During my last week in Malawi I thought about all the things I still think about now that I’m home. I think of my best mate’s wedding. Jaco and Salma. Being his best man in Malawi. I think about the goat I watched through its slaughter. I try to remember the taste of my own revulsion and sadness as I watched the Muslim Priest pray over the animal and slice its Hallal throat.
Jaco and me.

I think about the 300 kgs of fertilizer being put to use in a village—the name of which I can’t remember. I think about farming subsidies for foreign crop inputs. And of the pre-supposed need of such a thing as fertilizer, which—in the long run—depletes the soil of its natural resources.

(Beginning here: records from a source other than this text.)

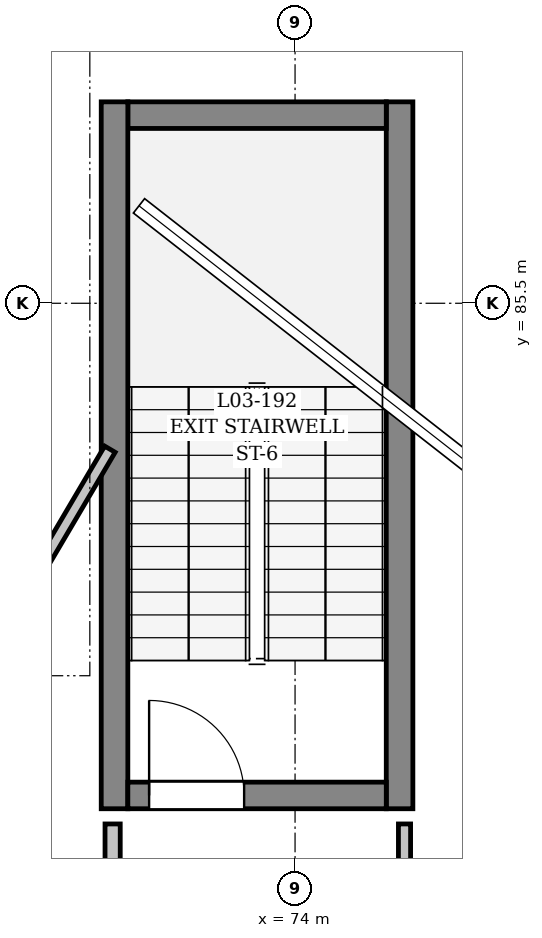
"""IFC4 building model, lengths in metres.
Left out: names, types, materials, properties, quantities, classifications, styles, units other than length and angle.
Written with IfcOpenShell. Run it as: python <this file> out.ifc"""

import sys

from ifc_helpers import new_model, si_unit, direction, frame, frame_2d, origin, place, context, subcontext, project, spatial, rectangle, extrude, element, fill, save


model = new_model("IFC4")
c1 = context("Model", 3, precision=1e-05, world=origin(), true_north=direction((0.0, 1.0)))
c2 = subcontext(c1, "Body", "Model", "MODEL_VIEW")
j1 = project(units=[si_unit("LENGTHUNIT", "METRE"), si_unit("PLANEANGLEUNIT", "RADIAN")], contexts=[c1])
p1 = place(None, origin())
s1 = spatial("IfcSite", under=j1, at=p1, CompositionType="ELEMENT")
p2 = place(p1, origin())
s2 = spatial("IfcBuilding", under=s1, at=p2, CompositionType="ELEMENT")
p3 = place(p2, frame((0.0, 0.0, 10.2)))
s3 = spatial("IfcBuildingStorey", under=s2, at=p3, CompositionType="ELEMENT", Elevation=10.2)
p4 = place(p3, frame((75.375, 78.85, 0.0), z_axis=(0.0, 0.0, 1.0), x_axis=(0.0, 1.0, 0.0)))
e1 = element("IfcWall", 1, at=p4, inside=s3, PredefinedType="SHEAR", context=c2, shape_type="SweptSolid", body=[
    extrude(rectangle(XDim=9.3, YDim=0.35, at=frame_2d((4.65, 0.0))), origin(), (0.0, 0.0, 1.0), 4.52),
])
p5 = place(p3, frame((75.2, 87.975, 0.0), z_axis=(0.0, 0.0, 1.0), x_axis=(-1.0, 0.0, 0.0)))
e2 = element("IfcWall", 2, at=p5, inside=s3, PredefinedType="SHEAR", context=c2, shape_type="SweptSolid", body=[
    extrude(rectangle(XDim=3.4, YDim=0.35, at=frame_2d((1.7, 0.0))), origin(), (0.0, 0.0, 1.0), 4.52),
])
p6 = place(p3, frame((71.625, 88.15, 0.0), z_axis=(0.0, 0.0, 1.0), x_axis=(0.0, -1.0, 0.0)))
e3 = element("IfcWall", 3, at=p6, inside=s3, PredefinedType="SHEAR", context=c2, shape_type="SweptSolid", body=[
    extrude(rectangle(XDim=9.3, YDim=0.35, at=frame_2d((4.65, 0.0))), origin(), (0.0, 0.0, 1.0), 4.52),
])
p7 = place(p3, frame((71.8, 79.025, 0.0), z_axis=(0.0, 0.0, 1.0), x_axis=(1.0, 0.0, 0.0)))
e4 = element("IfcWall", 4, at=p7, inside=s3, PredefinedType="SHEAR", context=c2, shape_type="SweptSolid", body=[
    extrude(rectangle(XDim=3.4, YDim=0.35, at=frame_2d((1.7, 0.0))), origin(), (0.0, 0.0, 1.0), 4.52),
])
p8 = place(p7, frame((0.28, 0.0, 0.0)))
e5 = element("IfcOpeningElement", 5, at=p8, cuts=e4, PredefinedType="OPENING", context=c2, shape_type="SweptSolid", body=[
    extrude(rectangle(XDim=1.25, YDim=2.2, at=frame_2d((0.625, 1.1))), frame((0.0, 0.185, 0.0), z_axis=(0.0, -1.0, 0.0), x_axis=(1.0, 0.0, 0.0)), (0.0, 0.0, 1.0), 0.37),
])
p9 = place(p3, frame((71.6, 78.65, 0.0), z_axis=(0.0, 0.0, 1.0), x_axis=(0.0, -1.0, 0.0)))
e6 = element("IfcWall", 6, at=p9, inside=s3, PredefinedType="PARTITIONING", context=c2, shape_type="SweptSolid", body=[
    extrude(rectangle(XDim=3.05, YDim=0.2, at=frame_2d((1.525, 0.0))), origin(), (0.0, 0.0, 1.0), 4.52),
])
p10 = place(p9, frame((0.9, 0.0, 0.0)))
e7 = element("IfcOpeningElement", 7, at=p10, cuts=e6, PredefinedType="OPENING", context=c2, shape_type="SweptSolid", body=[
    extrude(rectangle(XDim=1.25, YDim=2.2, at=frame_2d((0.625, 1.1))), frame((0.0, 0.11, 0.0), z_axis=(0.0, -1.0, 0.0), x_axis=(1.0, 0.0, 0.0)), (0.0, 0.0, 1.0), 0.22),
])
p11 = place(p3, frame((67.34, 76.41, 0.0), z_axis=(0.0, 0.0, 1.0), x_axis=(0.507554651223, 0.861619565714, 0.0)))
e8 = element("IfcWall", 8, at=p11, inside=s3, PredefinedType="PARTITIONING", context=c2, shape_type="SweptSolid", body=[
    extrude(rectangle(XDim=8.322, YDim=0.16, at=frame_2d((4.161, 0.0))), origin(), (0.0, 0.0, 1.0), 3.91),
])
p12 = place(p3, frame((75.44, 78.65, 0.0), z_axis=(0.0, 0.0, 1.0), x_axis=(0.0, -1.0, 0.0)))
e9 = element("IfcWall", 9, at=p12, inside=s3, PredefinedType="PARTITIONING", context=c2, shape_type="SweptSolid", body=[
    extrude(rectangle(XDim=3.09, YDim=0.16, at=frame_2d((1.545, 0.0))), origin(), (0.0, 0.0, 1.0), 3.51),
])
p13 = place(p12, frame((0.995, 0.0, 0.0)))
e10 = element("IfcOpeningElement", 10, at=p13, cuts=e9, PredefinedType="OPENING", context=c2, shape_type="SweptSolid", body=[
    extrude(rectangle(XDim=1.1, YDim=2.2, at=frame_2d((0.55, 1.1))), frame((0.0, 0.09, 0.0), z_axis=(0.0, -1.0, 0.0), x_axis=(1.0, 0.0, 0.0)), (0.0, 0.0, 1.0), 0.18),
])
p14 = place(p8, origin())
e11 = element("IfcDoor", 11, at=p14, inside=s3, OperationType="SINGLE_SWING_RIGHT", PredefinedType="DOOR", context=c2, shape_type="SweptSolid", body=[
    extrude(rectangle(XDim=1.25, YDim=2.2, at=frame_2d((0.625, 1.1))), frame((0.0, 0.025, 0.0), z_axis=(0.0, -1.0, 0.0), x_axis=(1.0, 0.0, 0.0)), (0.0, 0.0, 1.0), 0.05),
])
fill(e5, e11)
save(model, sys.argv[1])

Anthony Chilobwe, TCE Field Officer
I think about Malaria, and the death of one of our own. God rest your soul Anna.
I think about all the stories I have yet to share with you. The stories friends would tell me as they held my hand after a few games of pool. The music that comforts me and breaks my heart because it reminds me of home. The vacation north into the mountains and into the lake. The friends who have so little. The friends who have so much. 2 guards with 2 cell phones who make each and every phone call with a level of gratitude I will never know. A future doctor. A life of travel. A pot of biryani. A baby on the way. Falling in love. Wonky pool tables. Time well spent in the blink of an eye.